Drastic changes such as the removal of stock limits and exemption to exporters, traders and value chain participants may not help farmers directly.

Big corporates and multi-national corporations (MNC) may prefer to stock up their quota at the time of harvest when prices are low and, thus, would not need to buy from farmers when prices rise.

If farmers decide to retain produce for later, prices may not go up or the private sector may not enter the market to purchase.

Why the act is still relevant

India no longer faces food shortage problems, according to the Economic Survey, 2020. Food grain production has increased since the 1950s and India is now an exporter, thereby rendering the act anachronistic.

What is seemingly ignored, however, is the population of India increased to 1.3 billion in 2020 from 360 million in 1951.

There are more mouths to feed and the responsibility of ensuring food security to the masses cannot be shunned. Sights of migrants scraping for morsels of food during the COVID-19 crisis continue to haunt.

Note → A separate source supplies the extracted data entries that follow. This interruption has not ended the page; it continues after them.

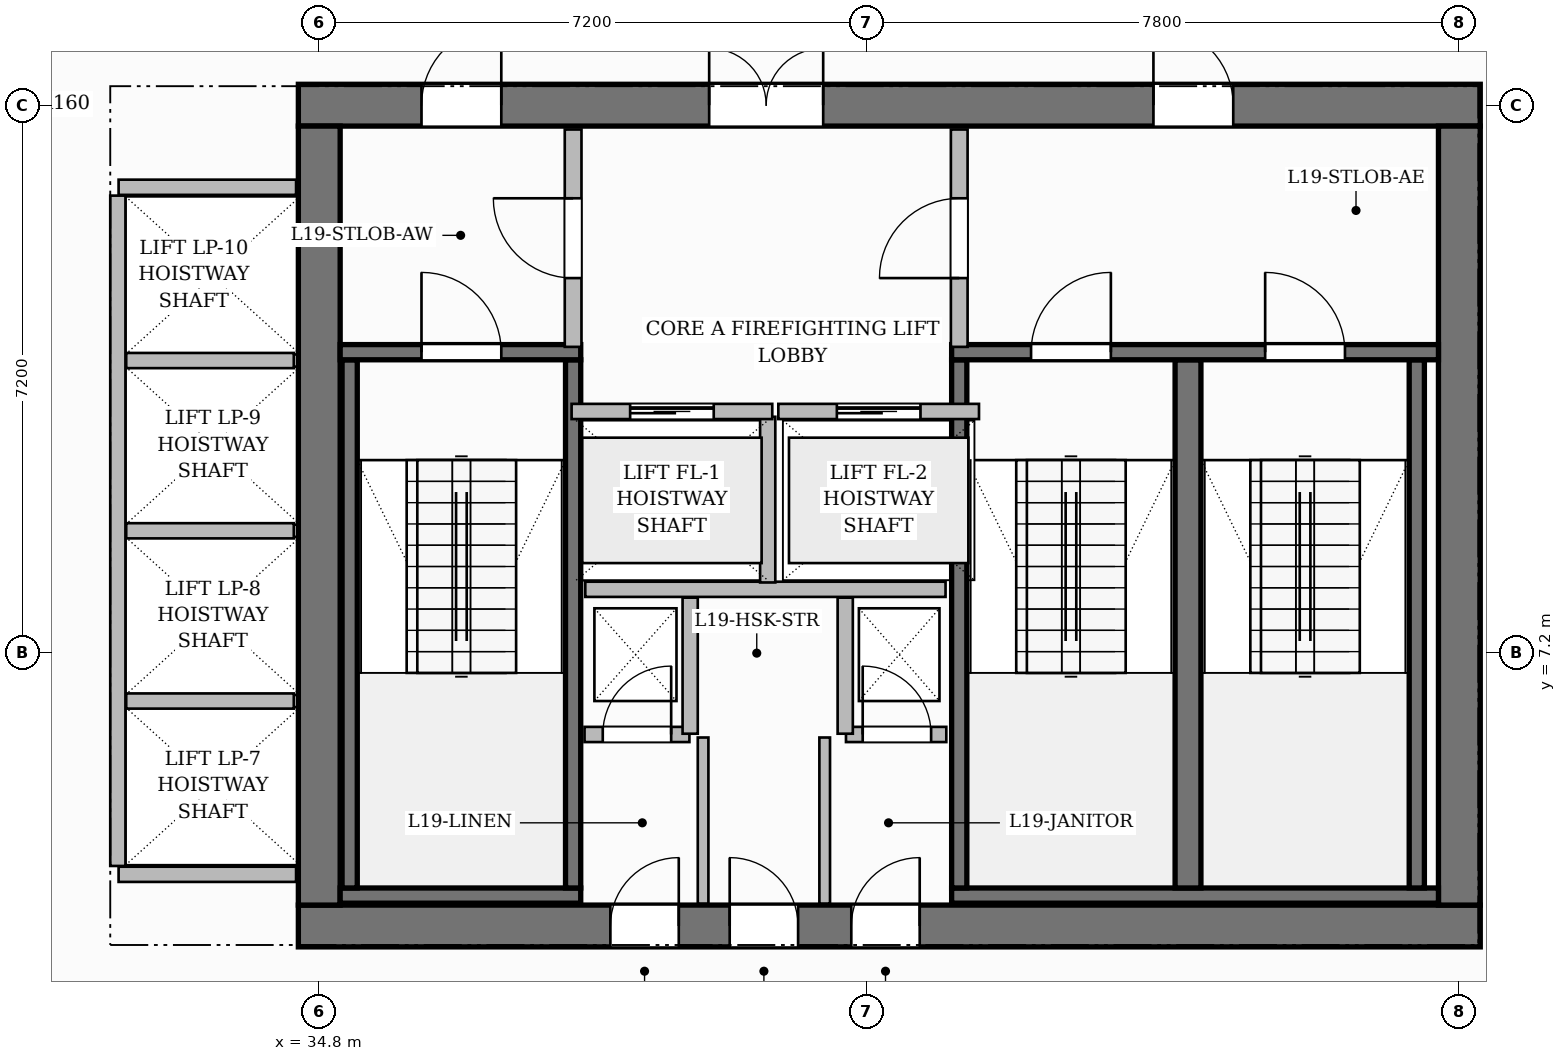
"""IFC4 building model, lengths in metres.
Left out: names, types, materials, properties, quantities, classifications, styles, units other than length and angle.
Written with IfcOpenShell. Run it as: python <this file> out.ifc"""

import sys

from ifc_helpers import new_model, si_unit, direction, frame, frame_2d, origin, place, context, subcontext, project, spatial, rectangle, extrude, source, transform, mapped, element, fill, save


model = new_model("IFC4")
c1 = context("Model", 3, precision=1e-05, world=origin(), true_north=direction((0.0, 1.0)))
c2 = subcontext(c1, "Body", "Model", "MODEL_VIEW")
j1 = project(units=[si_unit("LENGTHUNIT", "METRE"), si_unit("PLANEANGLEUNIT", "RADIAN")], contexts=[c1])
p1 = place(None, origin())
s1 = spatial("IfcSite", under=j1, at=p1, CompositionType="ELEMENT")
p2 = place(p1, origin())
s2 = spatial("IfcBuilding", under=s1, at=p2, CompositionType="ELEMENT")
p3 = place(p2, frame((0.0, 0.0, 80.5)))
s3 = spatial("IfcBuildingStorey", under=s2, at=p3, CompositionType="ELEMENT", Elevation=80.5)
p4 = place(p3, frame((34.525, 3.6, 0.0), z_axis=(0.0, 0.0, 1.0), x_axis=(1.0, 0.0, 0.0)))
e1 = element("IfcWall", 1, at=p4, inside=s3, PredefinedType="SHEAR", context=c2, shape_type="SweptSolid", body=[
    extrude(rectangle(XDim=15.55, YDim=0.55, at=frame_2d((7.775, 0.0))), origin(), (0.0, 0.0, 1.0), 3.7),
])
p5 = place(p4, frame((4.105, 0.0, 0.0)))
e2 = element("IfcOpeningElement", 2, at=p5, cuts=e1, PredefinedType="OPENING", context=c2, shape_type="SweptSolid", body=[
    extrude(rectangle(XDim=0.9, YDim=2.1, at=frame_2d((0.45, 1.05))), frame((0.0, 0.285, 0.0), z_axis=(0.0, -1.0, 0.0), x_axis=(1.0, 0.0, 0.0)), (0.0, 0.0, 1.0), 0.57),
])
p6 = place(p4, frame((5.675, 0.0, 0.0)))
e3 = element("IfcOpeningElement", 3, at=p6, cuts=e1, PredefinedType="OPENING", context=c2, shape_type="SweptSolid", body=[
    extrude(rectangle(XDim=0.9, YDim=2.1, at=frame_2d((0.45, 1.05))), frame((0.0, 0.285, 0.0), z_axis=(0.0, -1.0, 0.0), x_axis=(1.0, 0.0, 0.0)), (0.0, 0.0, 1.0), 0.57),
])
p7 = place(p4, frame((7.275, 0.0, 0.0)))
e4 = element("IfcOpeningElement", 4, at=p7, cuts=e1, PredefinedType="OPENING", context=c2, shape_type="SweptSolid", body=[
    extrude(rectangle(XDim=0.9, YDim=2.1, at=frame_2d((0.45, 1.05))), frame((0.0, 0.285, 0.0), z_axis=(0.0, -1.0, 0.0), x_axis=(1.0, 0.0, 0.0)), (0.0, 0.0, 1.0), 0.57),
])
p8 = place(p3, frame((34.525, 14.4, 0.0), z_axis=(0.0, 0.0, 1.0), x_axis=(1.0, 0.0, 0.0)))
e5 = element("IfcWall", 5, at=p8, inside=s3, PredefinedType="SHEAR", context=c2, shape_type="SweptSolid", body=[
    extrude(rectangle(XDim=15.55, YDim=0.55, at=frame_2d((7.775, 0.0))), origin(), (0.0, 0.0, 1.0), 3.7),
])
p9 = place(p8, frame((5.405, 0.0, 0.0)))
e6 = element("IfcOpeningElement", 6, at=p9, cuts=e5, PredefinedType="OPENING", context=c2, shape_type="SweptSolid", body=[
    extrude(rectangle(XDim=1.5, YDim=2.2, at=frame_2d((0.75, 1.1))), frame((0.0, 0.285, 0.0), z_axis=(0.0, -1.0, 0.0), x_axis=(1.0, 0.0, 0.0)), (0.0, 0.0, 1.0), 0.57),
])
p10 = place(p8, frame((1.62, 0.0, 0.0)))
e7 = element("IfcOpeningElement", 7, at=p10, cuts=e5, PredefinedType="OPENING", context=c2, shape_type="SweptSolid", body=[
    extrude(rectangle(XDim=1.05, YDim=2.15, at=frame_2d((0.525, 1.075))), frame((0.0, 0.285, 0.0), z_axis=(0.0, -1.0, 0.0), x_axis=(1.0, 0.0, 0.0)), (0.0, 0.0, 1.0), 0.57),
])
p11 = place(p8, frame((11.25, 0.0, 0.0)))
e8 = element("IfcOpeningElement", 8, at=p11, cuts=e5, PredefinedType="OPENING", context=c2, shape_type="SweptSolid", body=[
    extrude(rectangle(XDim=1.05, YDim=2.15, at=frame_2d((0.525, 1.075))), frame((0.0, 0.285, 0.0), z_axis=(0.0, -1.0, 0.0), x_axis=(1.0, 0.0, 0.0)), (0.0, 0.0, 1.0), 0.57),
])
for number, where, z_axis, x_axis in (
    (9, (34.8, 3.875, 0.0), (0.0, 0.0, 1.0), (0.0, 1.0, 0.0)),
    (10, (49.8, 3.875, 0.0), (0.0, 0.0, 1.0), (0.0, 1.0, 0.0)),
):
    element("IfcWall", number, at=place(p3, frame(where, z_axis=z_axis, x_axis=x_axis)), inside=s3, PredefinedType="SHEAR", context=c2, shape_type="SweptSolid", body=[
        extrude(rectangle(XDim=10.25, YDim=0.55, at=frame_2d((5.125, 0.0))), origin(), (0.0, 0.0, 1.0), 3.7),
    ])
p12 = place(p3, frame((35.075, 4.0, 0.0), z_axis=(0.0, 0.0, 1.0), x_axis=(1.0, 0.0, 0.0)))
e11 = element("IfcWall", 11, at=p12, inside=s3, PredefinedType="SHEAR", context=c2, shape_type="SweptSolid", body=[
    extrude(rectangle(XDim=3.165, YDim=0.2, at=frame_2d((1.583, 0.0))), origin(), (0.0, 0.0, 1.0), 3.7),
])
for number, where, z_axis, x_axis in (
    (12, (35.2, 4.1, 0.0), (0.0, 0.0, 1.0), (0.0, 1.0, 0.0)),
    (13, (38.14, 4.1, 0.0), (0.0, 0.0, 1.0), (0.0, 1.0, 0.0)),
):
    element("IfcWall", number, at=place(p3, frame(where, z_axis=z_axis, x_axis=x_axis)), inside=s3, PredefinedType="SHEAR", context=c2, shape_type="SweptSolid", body=[
        extrude(rectangle(XDim=6.95, YDim=0.2, at=frame_2d((3.475, 0.0))), origin(), (0.0, 0.0, 1.0), 3.7),
    ])
p13 = place(p3, frame((35.075, 11.15, 0.0), z_axis=(0.0, 0.0, 1.0), x_axis=(1.0, 0.0, 0.0)))
e14 = element("IfcWall", 14, at=p13, inside=s3, PredefinedType="SHEAR", context=c2, shape_type="SweptSolid", body=[
    extrude(rectangle(XDim=3.165, YDim=0.2, at=frame_2d((1.583, 0.0))), origin(), (0.0, 0.0, 1.0), 3.7),
])
p14 = place(p13, frame((1.07, 0.0, 0.0)))
e15 = element("IfcOpeningElement", 15, at=p14, cuts=e14, PredefinedType="OPENING", context=c2, shape_type="SweptSolid", body=[
    extrude(rectangle(XDim=1.05, YDim=2.2, at=frame_2d((0.525, 1.1))), frame((0.0, 0.11, 0.0), z_axis=(0.0, -1.0, 0.0), x_axis=(1.0, 0.0, 0.0)), (0.0, 0.0, 1.0), 0.22),
])
p15 = place(p3, frame((43.12, 4.0, 0.0), z_axis=(0.0, 0.0, 1.0), x_axis=(1.0, 0.0, 0.0)))
e16 = element("IfcWall", 16, at=p15, inside=s3, PredefinedType="SHEAR", context=c2, shape_type="SweptSolid", body=[
    extrude(rectangle(XDim=6.405, YDim=0.2, at=frame_2d((3.202, 0.0))), origin(), (0.0, 0.0, 1.0), 3.7),
])
p16 = place(p3, frame((43.22, 4.1, 0.0), z_axis=(0.0, 0.0, 1.0), x_axis=(0.0, 1.0, 0.0)))
e17 = element("IfcWall", 17, at=p16, inside=s3, PredefinedType="SHEAR", context=c2, shape_type="SweptSolid", body=[
    extrude(rectangle(XDim=6.95, YDim=0.2, at=frame_2d((3.475, 0.0))), origin(), (0.0, 0.0, 1.0), 3.7),
])
p17 = place(p3, frame((46.23, 4.1, 0.0), z_axis=(0.0, 0.0, 1.0), x_axis=(0.0, 1.0, 0.0)))
e18 = element("IfcWall", 18, at=p17, inside=s3, PredefinedType="SHEAR", context=c2, shape_type="SweptSolid", body=[
    extrude(rectangle(XDim=6.95, YDim=0.34, at=frame_2d((3.475, 0.0))), origin(), (0.0, 0.0, 1.0), 3.7),
])
p18 = place(p3, frame((49.24, 4.1, 0.0), z_axis=(0.0, 0.0, 1.0), x_axis=(0.0, 1.0, 0.0)))
e19 = element("IfcWall", 19, at=p18, inside=s3, PredefinedType="SHEAR", context=c2, shape_type="SweptSolid", body=[
    extrude(rectangle(XDim=6.95, YDim=0.2, at=frame_2d((3.475, 0.0))), origin(), (0.0, 0.0, 1.0), 3.7),
])
p19 = place(p3, frame((43.12, 11.15, 0.0), z_axis=(0.0, 0.0, 1.0), x_axis=(1.0, 0.0, 0.0)))
e20 = element("IfcWall", 20, at=p19, inside=s3, PredefinedType="SHEAR", context=c2, shape_type="SweptSolid", body=[
    extrude(rectangle(XDim=6.405, YDim=0.2, at=frame_2d((3.202, 0.0))), origin(), (0.0, 0.0, 1.0), 3.7),
])
p20 = place(p19, frame((1.045, 0.0, 0.0)))
e21 = element("IfcOpeningElement", 21, at=p20, cuts=e20, PredefinedType="OPENING", context=c2, shape_type="SweptSolid", body=[
    extrude(rectangle(XDim=1.05, YDim=2.2, at=frame_2d((0.525, 1.1))), frame((0.0, 0.11, 0.0), z_axis=(0.0, -1.0, 0.0), x_axis=(1.0, 0.0, 0.0)), (0.0, 0.0, 1.0), 0.22),
])
p21 = place(p19, frame((4.125, 0.0, 0.0)))
e22 = element("IfcOpeningElement", 22, at=p21, cuts=e20, PredefinedType="OPENING", context=c2, shape_type="SweptSolid", body=[
    extrude(rectangle(XDim=1.05, YDim=2.2, at=frame_2d((0.525, 1.1))), frame((0.0, 0.11, 0.0), z_axis=(0.0, -1.0, 0.0), x_axis=(1.0, 0.0, 0.0)), (0.0, 0.0, 1.0), 0.22),
])
p22 = place(p3, frame((38.3, 8.03, 0.0), z_axis=(0.0, 0.0, 1.0), x_axis=(1.0, 0.0, 0.0)))
e23 = element("IfcWall", 23, at=p22, inside=s3, PredefinedType="PARTITIONING", context=c2, shape_type="SweptSolid", body=[
    extrude(rectangle(XDim=4.74, YDim=0.2, at=frame_2d((2.37, 0.0))), origin(), (0.0, 0.0, 1.0), 3.45),
])
p23 = place(p3, frame((40.7, 8.12, 0.0), z_axis=(0.0, 0.0, 1.0), x_axis=(0.0, 1.0, 0.0)))
e24 = element("IfcWall", 24, at=p23, inside=s3, PredefinedType="PARTITIONING", context=c2, shape_type="SweptSolid", body=[
    extrude(rectangle(XDim=2.18, YDim=0.2, at=frame_2d((1.09, 0.0))), origin(), (0.0, 0.0, 1.0), 3.45),
])
p24 = place(p3, frame((38.14, 11.22, 0.0), z_axis=(0.0, 0.0, 1.0), x_axis=(0.0, 1.0, 0.0)))
e25 = element("IfcWall", 25, at=p24, inside=s3, PredefinedType="PARTITIONING", context=c2, shape_type="SweptSolid", body=[
    extrude(rectangle(XDim=2.86, YDim=0.22, at=frame_2d((1.43, 0.0))), origin(), (0.0, 0.0, 1.0), 3.45),
])
p25 = place(p24, frame((0.905, 0.0, 0.0)))
e26 = element("IfcOpeningElement", 26, at=p25, cuts=e25, PredefinedType="OPENING", context=c2, shape_type="SweptSolid", body=[
    extrude(rectangle(XDim=1.05, YDim=2.15, at=frame_2d((0.525, 1.075))), frame((0.0, 0.12, 0.0), z_axis=(0.0, -1.0, 0.0), x_axis=(1.0, 0.0, 0.0)), (0.0, 0.0, 1.0), 0.24),
])
p26 = place(p3, frame((43.22, 11.22, 0.0), z_axis=(0.0, 0.0, 1.0), x_axis=(0.0, 1.0, 0.0)))
e27 = element("IfcWall", 27, at=p26, inside=s3, PredefinedType="PARTITIONING", context=c2, shape_type="SweptSolid", body=[
    extrude(rectangle(XDim=2.86, YDim=0.22, at=frame_2d((1.43, 0.0))), origin(), (0.0, 0.0, 1.0), 3.45),
])
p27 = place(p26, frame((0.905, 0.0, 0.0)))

The survey said 76,000 raids were conducted in 2019 under the Essential Commodities Act to prevent violation of stock limits.

A considerable administrative effort was utilised for the enforcement of the act, according to the survey. It was also pointed out that the conviction rate was an abysmal 3.8 per cent. This should, however, not be the reason for diluting the act.

Instead, an effective framework must be put in place to ensure speedy trial and disposal of violation cases.

One cannot ignore the pulses scam that involved the manipulation of prices in 2015. Investigation by the Income-Tax Department found several big MNCs played a major role in spiking prices of pulses.

India is still dependent on the monsoon for producing sufficient food grains. A majority of farm holding in India is small and marginal.

Another locust attack may occur in the near future. The El Nino phenomenon has hit Indian agriculture hard in the past. Given the timing of this amendment ordinance, it is likely to benefit big traders, big corporates and MNCs, but not the farmers directly.

Our policies, thus, must ensure sustainable farm growth taking into consideration factors like climate change, land holdings, consumer capacity and farmers’ interests.

The author is a lawyer.

Views expressed are the author’s own and don’t necessarily reflect those of Down To Earth.